The mode transition phenomenon can be observed in Figure 13, and the mode transition in Figure 13a is verified by comparing the mode transition criterion in Table 4. There is no case1 in Figure 13a; frequencies (4, 5) are a double root, belonging to the differential train vibration mode, which are straight lines, verifying case2; frequencies (11, 12) are two single roots, belonging to the coupled vibration mode, and the transition occurs at 3.5 × 10⁻⁴ kg·m², verifying case3; frequencies (20, 21) are a double root, belonging to the fixed-axis train vibration mode, frequency (12) is a single root, belonging to the coupled vibration mode, and intersections occur between 7.5 × 10⁻⁴ and 8 × 10⁻⁴ kg·m², verifying case4; frequency (24) is a single root, belonging to the coupled vibration mode, frequencies (22, 23) are a double root, belonging to the vibration mode of the differential train, and intersections occur between 4.5 × 10⁻⁴ and 5 × 10⁻⁴ kg·m², verifying case5; frequencies (13, 14) are a double root, belonging to the differential train vibration mode, and intersect with frequencies (20, 21) between 5.5 × 10⁻⁴ and 6 × 10⁻⁴ kg·m², which belonging to the fixed-axis train vibration mode, verifying case6. The mode transitions and intersections occurring at the other positions in Figure 13a also conform to the mode transition criterion in Table 4. Within the selected mass range, the range of natural frequency variations in Figure 13b is small and does not reach the point where mode transitions and intersections occur.

5. Conclusions

Based on the centralized parameter model of the two-stage tandem hybrid planetary system, the natural characteristics were analyzed; three typical vibration modes were summarized; and the sensitivity of natural frequencies to unequally spaced planet, mesh stiffness, planet mass and rotational inertia, as well as the mode transition and intersection phenomena of natural frequencies under the influence of different parameters, were investigated.

(1) The vibration modes of the two-stage tandem hybrid planetary system include fixed-axis train vibration mode, differential train vibration mode and coupled vibration mode.

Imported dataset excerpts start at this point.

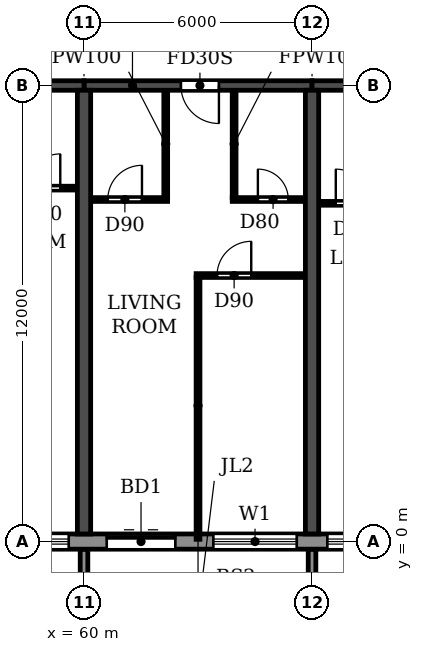
"""IFC4 building model, lengths in metres.
Left out: names, types, materials, properties, quantities, classifications, styles, units other than length and angle.
Written with IfcOpenShell. Run it as: python <this file> out.ifc"""

import sys

from ifc_helpers import new_model, si_unit, direction, frame, frame_2d, origin, place, context, subcontext, project, spatial, polyline, rectangle, outline, extrude, source, transform, mapped, element, fill, save


model = new_model("IFC4")
c1 = context("Model", 3, precision=1e-05, world=origin(), true_north=direction((0.0, 1.0)))
c2 = subcontext(c1, "Body", "Model", "MODEL_VIEW")
j1 = project(units=[si_unit("LENGTHUNIT", "METRE"), si_unit("PLANEANGLEUNIT", "RADIAN")], contexts=[c1])
p1 = place(None, origin())
s1 = spatial("IfcSite", under=j1, at=p1, CompositionType="ELEMENT")
p2 = place(p1, origin())
s2 = spatial("IfcBuilding", under=s1, at=p2, CompositionType="ELEMENT")
p3 = place(p2, frame((0.0, 0.0, 102.6)))
s3 = spatial("IfcBuildingStorey", under=s2, at=p3, CompositionType="ELEMENT", Elevation=102.6)
for number, where, z_axis, x_axis in (
    (1, (60.0, 0.2, 0.0), (0.0, 0.0, 1.0), (0.0, 1.0, 0.0)),
    (2, (66.0, 0.2, 0.0), (0.0, 0.0, 1.0), (0.0, 1.0, 0.0)),
):
    element("IfcWall", number, at=place(p3, frame(where, z_axis=z_axis, x_axis=x_axis)), inside=s3, PredefinedType="SHEAR", context=c2, shape_type="SweptSolid", body=[
        extrude(rectangle(XDim=11.675, YDim=0.35, at=frame_2d((5.837, 0.0))), origin(), (0.0, 0.0, 1.0), 3.0),
    ])
p4 = place(p3, frame((54.0, 12.0, 0.0), z_axis=(0.0, 0.0, 1.0), x_axis=(1.0, 0.0, 0.0)))
e3 = element("IfcWall", 3, at=p4, inside=s3, PredefinedType="SHEAR", context=c2, shape_type="SweptSolid", body=[
    extrude(rectangle(XDim=6.0, YDim=0.25, at=frame_2d((3.0, 0.0))), origin(), (0.0, 0.0, 1.0), 2.4),
])
p5 = place(p4, frame((2.45, 0.0, 0.0)))
e4 = element("IfcOpeningElement", 4, at=p5, cuts=e3, PredefinedType="OPENING", context=c2, shape_type="SweptSolid", body=[
    extrude(rectangle(XDim=1.0, YDim=2.1, at=frame_2d((0.5, 1.05))), frame((0.0, 0.135, 0.0), z_axis=(0.0, -1.0, 0.0), x_axis=(1.0, 0.0, 0.0)), (0.0, 0.0, 1.0), 0.27),
])
p6 = place(p3, frame((60.0, 12.0, 0.0), z_axis=(0.0, 0.0, 1.0), x_axis=(1.0, 0.0, 0.0)))
e5 = element("IfcWall", 5, at=p6, inside=s3, PredefinedType="SHEAR", context=c2, shape_type="SweptSolid", body=[
    extrude(rectangle(XDim=6.0, YDim=0.25, at=frame_2d((3.0, 0.0))), origin(), (0.0, 0.0, 1.0), 2.4),
])
p7 = place(p6, frame((2.55, 0.0, 0.0)))
e6 = element("IfcOpeningElement", 6, at=p7, cuts=e5, PredefinedType="OPENING", context=c2, shape_type="SweptSolid", body=[
    extrude(rectangle(XDim=1.0, YDim=2.1, at=frame_2d((0.5, 1.05))), frame((0.0, 0.135, 0.0), z_axis=(0.0, -1.0, 0.0), x_axis=(1.0, 0.0, 0.0)), (0.0, 0.0, 1.0), 0.27),
])
p8 = place(p3, frame((66.0, 12.0, 0.0), z_axis=(0.0, 0.0, 1.0), x_axis=(1.0, 0.0, 0.0)))
e7 = element("IfcWall", 7, at=p8, inside=s3, PredefinedType="SHEAR", context=c2, shape_type="SweptSolid", body=[
    extrude(rectangle(XDim=6.0, YDim=0.25, at=frame_2d((3.0, 0.0))), origin(), (0.0, 0.0, 1.0), 2.4),
])
p9 = place(p8, frame((2.55, 0.0, 0.0)))
e8 = element("IfcOpeningElement", 8, at=p9, cuts=e7, PredefinedType="OPENING", context=c2, shape_type="SweptSolid", body=[
    extrude(rectangle(XDim=1.0, YDim=2.1, at=frame_2d((0.5, 1.05))), frame((0.0, 0.135, 0.0), z_axis=(0.0, -1.0, 0.0), x_axis=(1.0, 0.0, 0.0)), (0.0, 0.0, 1.0), 0.27),
])
p10 = place(p3, frame((10.683, 0.0, 0.0), z_axis=(0.0, 0.0, 1.0), x_axis=(1.0, 0.0, 0.0)))
e9 = element("IfcWall", 9, at=p10, inside=s3, PredefinedType="STANDARD", context=c2, shape_type="SweptSolid", body=[
    extrude(rectangle(XDim=80.634, YDim=0.4, at=frame_2d((40.317, 0.0))), origin(), (0.0, 0.0, 1.0), 3.0),
])
p11 = place(p10, frame((1.717, 0.0, 0.9)))
e10 = element("IfcOpeningElement", 10, at=p11, cuts=e9, PredefinedType="OPENING", context=c2, shape_type="SweptSolid", body=[
    extrude(rectangle(XDim=2.2, YDim=1.5, at=frame_2d((1.1, 0.75))), frame((0.0, 0.21, 0.0), z_axis=(0.0, -1.0, 0.0), x_axis=(1.0, 0.0, 0.0)), (0.0, 0.0, 1.0), 0.42),
])
p12 = place(p10, frame((4.917, 0.0, 0.0)))
e11 = element("IfcOpeningElement", 11, at=p12, cuts=e9, PredefinedType="OPENING", context=c2, shape_type="SweptSolid", body=[
    extrude(rectangle(XDim=1.8, YDim=2.4, at=frame_2d((0.9, 1.2))), frame((0.0, 0.21, 0.0), z_axis=(0.0, -1.0, 0.0), x_axis=(1.0, 0.0, 0.0)), (0.0, 0.0, 1.0), 0.42),
])
p13 = place(p10, frame((7.717, 0.0, 0.9)))
e12 = element("IfcOpeningElement", 12, at=p13, cuts=e9, PredefinedType="OPENING", context=c2, shape_type="SweptSolid", body=[
    extrude(rectangle(XDim=2.2, YDim=1.5, at=frame_2d((1.1, 0.75))), frame((0.0, 0.21, 0.0), z_axis=(0.0, -1.0, 0.0), x_axis=(1.0, 0.0, 0.0)), (0.0, 0.0, 1.0), 0.42),
])
p14 = place(p10, frame((10.717, 0.0, 0.9)))
e13 = element("IfcOpeningElement", 13, at=p14, cuts=e9, PredefinedType="OPENING", context=c2, shape_type="SweptSolid", body=[
    extrude(rectangle(XDim=2.2, YDim=1.5, at=frame_2d((1.1, 0.75))), frame((0.0, 0.21, 0.0), z_axis=(0.0, -1.0, 0.0), x_axis=(1.0, 0.0, 0.0)), (0.0, 0.0, 1.0), 0.42),
])
p15 = place(p10, frame((13.717, 0.0, 0.9)))
e14 = element("IfcOpeningElement", 14, at=p15, cuts=e9, PredefinedType="OPENING", context=c2, shape_type="SweptSolid", body=[
    extrude(rectangle(XDim=2.2, YDim=1.5, at=frame_2d((1.1, 0.75))), frame((0.0, 0.21, 0.0), z_axis=(0.0, -1.0, 0.0), x_axis=(1.0, 0.0, 0.0)), (0.0, 0.0, 1.0), 0.42),
])
p16 = place(p10, frame((16.717, 0.0, 0.9)))
e15 = element("IfcOpeningElement", 15, at=p16, cuts=e9, PredefinedType="OPENING", context=c2, shape_type="SweptSolid", body=[
    extrude(rectangle(XDim=2.2, YDim=1.5, at=frame_2d((1.1, 0.75))), frame((0.0, 0.21, 0.0), z_axis=(0.0, -1.0, 0.0), x_axis=(1.0, 0.0, 0.0)), (0.0, 0.0, 1.0), 0.42),
])
p17 = place(p10, frame((19.717, 0.0, 0.9)))
e16 = element("IfcOpeningElement", 16, at=p17, cuts=e9, PredefinedType="OPENING", context=c2, shape_type="SweptSolid", body=[
    extrude(rectangle(XDim=2.2, YDim=1.5, at=frame_2d((1.1, 0.75))), frame((0.0, 0.21, 0.0), z_axis=(0.0, -1.0, 0.0), x_axis=(1.0, 0.0, 0.0)), (0.0, 0.0, 1.0), 0.42),
])
p18 = place(p10, frame((22.717, 0.0, 0.9)))
e17 = element("IfcOpeningElement", 17, at=p18, cuts=e9, PredefinedType="OPENING", context=c2, shape_type="SweptSolid", body=[
    extrude(rectangle(XDim=2.2, YDim=1.5, at=frame_2d((1.1, 0.75))), frame((0.0, 0.21, 0.0), z_axis=(0.0, -1.0, 0.0), x_axis=(1.0, 0.0, 0.0)), (0.0, 0.0, 1.0), 0.42),
])
p19 = place(p10, frame((25.717, 0.0, 0.9)))
e18 = element("IfcOpeningElement", 18, at=p19, cuts=e9, PredefinedType="OPENING", context=c2, shape_type="SweptSolid", body=[
    extrude(rectangle(XDim=2.2, YDim=1.5, at=frame_2d((1.1, 0.75))), frame((0.0, 0.21, 0.0), z_axis=(0.0, -1.0, 0.0), x_axis=(1.0, 0.0, 0.0)), (0.0, 0.0, 1.0), 0.42),
])
p20 = place(p10, frame((28.917, 0.0, 0.0)))
e19 = element("IfcOpeningElement", 19, at=p20, cuts=e9, PredefinedType="OPENING", context=c2, shape_type="SweptSolid", body=[
    extrude(rectangle(XDim=1.8, YDim=2.4, at=frame_2d((0.9, 1.2))), frame((0.0, 0.21, 0.0), z_axis=(0.0, -1.0, 0.0), x_axis=(1.0, 0.0, 0.0)), (0.0, 0.0, 1.0), 0.42),
])
p21 = place(p10, frame((31.717, 0.0, 0.9)))
e20 = element("IfcOpeningElement", 20, at=p21, cuts=e9, PredefinedType="OPENING", context=c2, shape_type="SweptSolid", body=[
    extrude(rectangle(XDim=2.2, YDim=1.5, at=frame_2d((1.1, 0.75))), frame((0.0, 0.21, 0.0), z_axis=(0.0, -1.0, 0.0), x_axis=(1.0, 0.0, 0.0)), (0.0, 0.0, 1.0), 0.42),
])
p22 = place(p10, frame((34.717, 0.0, 0.9)))
e21 = element("IfcOpeningElement", 21, at=p22, cuts=e9, PredefinedType="OPENING", context=c2, shape_type="SweptSolid", body=[
    extrude(rectangle(XDim=2.2, YDim=1.5, at=frame_2d((1.1, 0.75))), frame((0.0, 0.21, 0.0), z_axis=(0.0, -1.0, 0.0), x_axis=(1.0, 0.0, 0.0)), (0.0, 0.0, 1.0), 0.42),
])
p23 = place(p10, frame((37.717, 0.0, 0.9)))
e22 = element("IfcOpeningElement", 22, at=p23, cuts=e9, PredefinedType="OPENING", context=c2, shape_type="SweptSolid", body=[
    extrude(rectangle(XDim=2.2, YDim=1.5, at=frame_2d((1.1, 0.75))), frame((0.0, 0.21, 0.0), z_axis=(0.0, -1.0, 0.0), x_axis=(1.0, 0.0, 0.0)), (0.0, 0.0, 1.0), 0.42),
])
p24 = place(p10, frame((40.717, 0.0, 0.9)))
e23 = element("IfcOpeningElement", 23, at=p24, cuts=e9, PredefinedType="OPENING", context=c2, shape_type="SweptSolid", body=[
    extrude(rectangle(XDim=2.2, YDim=1.5, at=frame_2d((1.1, 0.75))), frame((0.0, 0.21, 0.0), z_axis=(0.0, -1.0, 0.0), x_axis=(1.0, 0.0, 0.0)), (0.0, 0.0, 1.0), 0.42),
])
p25 = place(p10, frame((43.717, 0.0, 0.9)))
e24 = element("IfcOpeningElement", 24, at=p25, cuts=e9, PredefinedType="OPENING", context=c2, shape_type="SweptSolid", body=[
    extrude(rectangle(XDim=2.2, YDim=1.5, at=frame_2d((1.1, 0.75))), frame((0.0, 0.21, 0.0), z_axis=(0.0, -1.0, 0.0), x_axis=(1.0, 0.0, 0.0)), (0.0, 0.0, 1.0), 0.42),
])
p26 = place(p10, frame((46.717, 0.0, 0.9)))
e25 = element("IfcOpeningElement", 25, at=p26, cuts=e9, PredefinedType="OPENING", context=c2, shape_type="SweptSolid", body=[
    extrude(rectangle(XDim=2.2, YDim=1.5, at=frame_2d((1.1, 0.75))), frame((0.0, 0.21, 0.0), z_axis=(0.0, -1.0, 0.0), x_axis=(1.0, 0.0, 0.0)), (0.0, 0.0, 1.0), 0.42),
])
p27 = place(p10, frame((49.917, 0.0, 0.0)))
e26 = element("IfcOpeningElement", 26, at=p27, cuts=e9, PredefinedType="OPENING", context=c2, shape_type="SweptSolid", body=[
    extrude(rectangle(XDim=1.8, YDim=2.4, at=frame_2d((0.9, 1.2))), frame((0.0, 0.21, 0.0), z_axis=(0.0, -1.0, 0.0), x_axis=(1.0, 0.0, 0.0)), (0.0, 0.0, 1.0), 0.42),
])
p28 = place(p10, frame((52.717, 0.0, 0.9)))
e27 = element("IfcOpeningElement", 27, at=p28, cuts=e9, PredefinedType="OPENING", context=c2, shape_type="SweptSolid", body=[
    extrude(rectangle(XDim=2.2, YDim=1.5, at=frame_2d((1.1, 0.75))), frame((0.0, 0.21, 0.0), z_axis=(0.0, -1.0, 0.0), x_axis=(1.0, 0.0, 0.0)), (0.0, 0.0, 1.0), 0.42),
])
p29 = place(p10, frame((55.717, 0.0, 0.9)))
e28 = element("IfcOpeningElement", 28, at=p29, cuts=e9, PredefinedType="OPENING", context=c2, shape_type="SweptSolid", body=[
    extrude(rectangle(XDim=2.2, YDim=1.5, at=frame_2d((1.1, 0.75))), frame((0.0, 0.21, 0.0), z_axis=(0.0, -1.0, 0.0), x_axis=(1.0, 0.0, 0.0)), (0.0, 0.0, 1.0), 0.42),
])
p30 = place(p10, frame((58.717, 0.0, 0.9)))
e29 = element("IfcOpeningElement", 29, at=p30, cuts=e9, PredefinedType="OPENING", context=c2, shape_type="SweptSolid", body=[
    extrude(rectangle(XDim=2.2, YDim=1.5, at=frame_2d((1.1, 0.75))), frame((0.0, 0.21, 0.0), z_axis=(0.0, -1.0, 0.0), x_axis=(1.0, 0.0, 0.0)), (0.0, 0.0, 1.0), 0.42),
])
p31 = place(p10, frame((61.717, 0.0, 0.9)))
e30 = element("IfcOpeningElement", 30, at=p31, cuts=e9, PredefinedType="OPENING", context=c2, shape_type="SweptSolid", body=[
    extrude(rectangle(XDim=2.2, YDim=1.5, at=frame_2d((1.1, 0.75))), frame((0.0, 0.21, 0.0), z_axis=(0.0, -1.0, 0.0), x_axis=(1.0, 0.0, 0.0)), (0.0, 0.0, 1.0), 0.42),
])
p32 = place(p10, frame((64.717, 0.0, 0.9)))
e31 = element("IfcOpeningElement", 31, at=p32, cuts=e9, PredefinedType="OPENING", context=c2, shape_type="SweptSolid", body=[
    extrude(rectangle(XDim=2.2, YDim=1.5, at=frame_2d((1.1, 0.75))), frame((0.0, 0.21, 0.0), z_axis=(0.0, -1.0, 0.0), x_axis=(1.0, 0.0, 0.0)), (0.0, 0.0, 1.0), 0.42),
])
p33 = place(p10, frame((67.717, 0.0, 0.9)))
e32 = element("IfcOpeningElement", 32, at=p33, cuts=e9, PredefinedType="OPENING", context=c2, shape_type="SweptSolid", body=[
    extrude(rectangle(XDim=2.2, YDim=1.5, at=frame_2d((1.1, 0.75))), frame((0.0, 0.21, 0.0), z_axis=(0.0, -1.0, 0.0), x_axis=(1.0, 0.0, 0.0)), (0.0, 0.0, 1.0), 0.42),
])
p34 = place(p10, frame((70.717, 0.0, 0.9)))
e33 = element("IfcOpeningElement", 33, at=p34, cuts=e9, PredefinedType="OPENING", context=c2, shape_type="SweptSolid", body=[
    extrude(rectangle(XDim=2.2, YDim=1.5, at=frame_2d((1.1, 0.75))), frame((0.0, 0.21, 0.0), z_axis=(0.0, -1.0, 0.0), x_axis=(1.0, 0.0, 0.0)), (0.0, 0.0, 1.0), 0.42),
])
p35 = place(p10, frame((73.717, 0.0, 0.9)))
e34 = element("IfcOpeningElement", 34, at=p35, cuts=e9, PredefinedType="OPENING", context=c2, shape_type="SweptSolid", body=[
    extrude(rectangle(XDim=2.2, YDim=1.5, at=frame_2d((1.1, 0.75))), frame((0.0, 0.21, 0.0), z_axis=(0.0, -1.0, 0.0), x_axis=(1.0, 0.0, 0.0)), (0.0, 0.0, 1.0), 0.42),
])
p36 = place(p10, frame((76.917, 0.0, 0.0)))
e35 = element("IfcOpeningElement", 35, at=p36, cuts=e9, PredefinedType="OPENING", context=c2, shape_type="SweptSolid", body=[
    extrude(rectangle(XDim=1.8, YDim=2.4, at=frame_2d((0.9, 1.2))), frame((0.0, 0.21, 0.0), z_axis=(0.0, -1.0, 0.0), x_axis=(1.0, 0.0, 0.0)), (0.0, 0.0, 1.0), 0.42),
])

(2) The sensitivity of the natural frequencies to the parameters was investigated. With the change in the parameters in the fixed-axis train, the natural frequencies of the fixed-axis train vibration mode and the coupled vibration mode change, while the natural frequencies of the differential train vibration mode remain unchanged. With the change in parameters in the differential train, the natural frequencies of the differential train vibration mode and coupled vibration mode change, while the natural frequencies of the fixed-axis train vibration mode remain unchanged. Combined with the numerical examples, the correctness of the parameter sensitivity was verified, and the frequency shifts under the influence of different parameters were calculated.

(3) The mode transition phenomenon was investigated, and the criterion for the occurrence of mode transition of the two-stage tandem hybrid planetary system was determined, and the accuracy of the proposed mode transition criterion was verified by calculations.

Through the model established in this study, natural characteristics of the marine two-stage tandem hybrid planetary system can be swiftly obtained, aiding design engineers in better comprehending the dynamic behavior of the gear system. This understanding facilitates design optimization to mitigate resonance and enhance system performance, reliability and longevity. Despite the close resemblance between the mathematical model presented in this paper and finite element results, disparities from reality persist. Therefore, future research endeavors could involve further refining the model, such as the coupling between the sun gear and the planet gears at their respective ends, which could be explored in detail, treating the entire assembly as flexible components, among other aspects. It is anticipated that such refinements will yield results closer to reality, representing our forthcoming focus and dedication.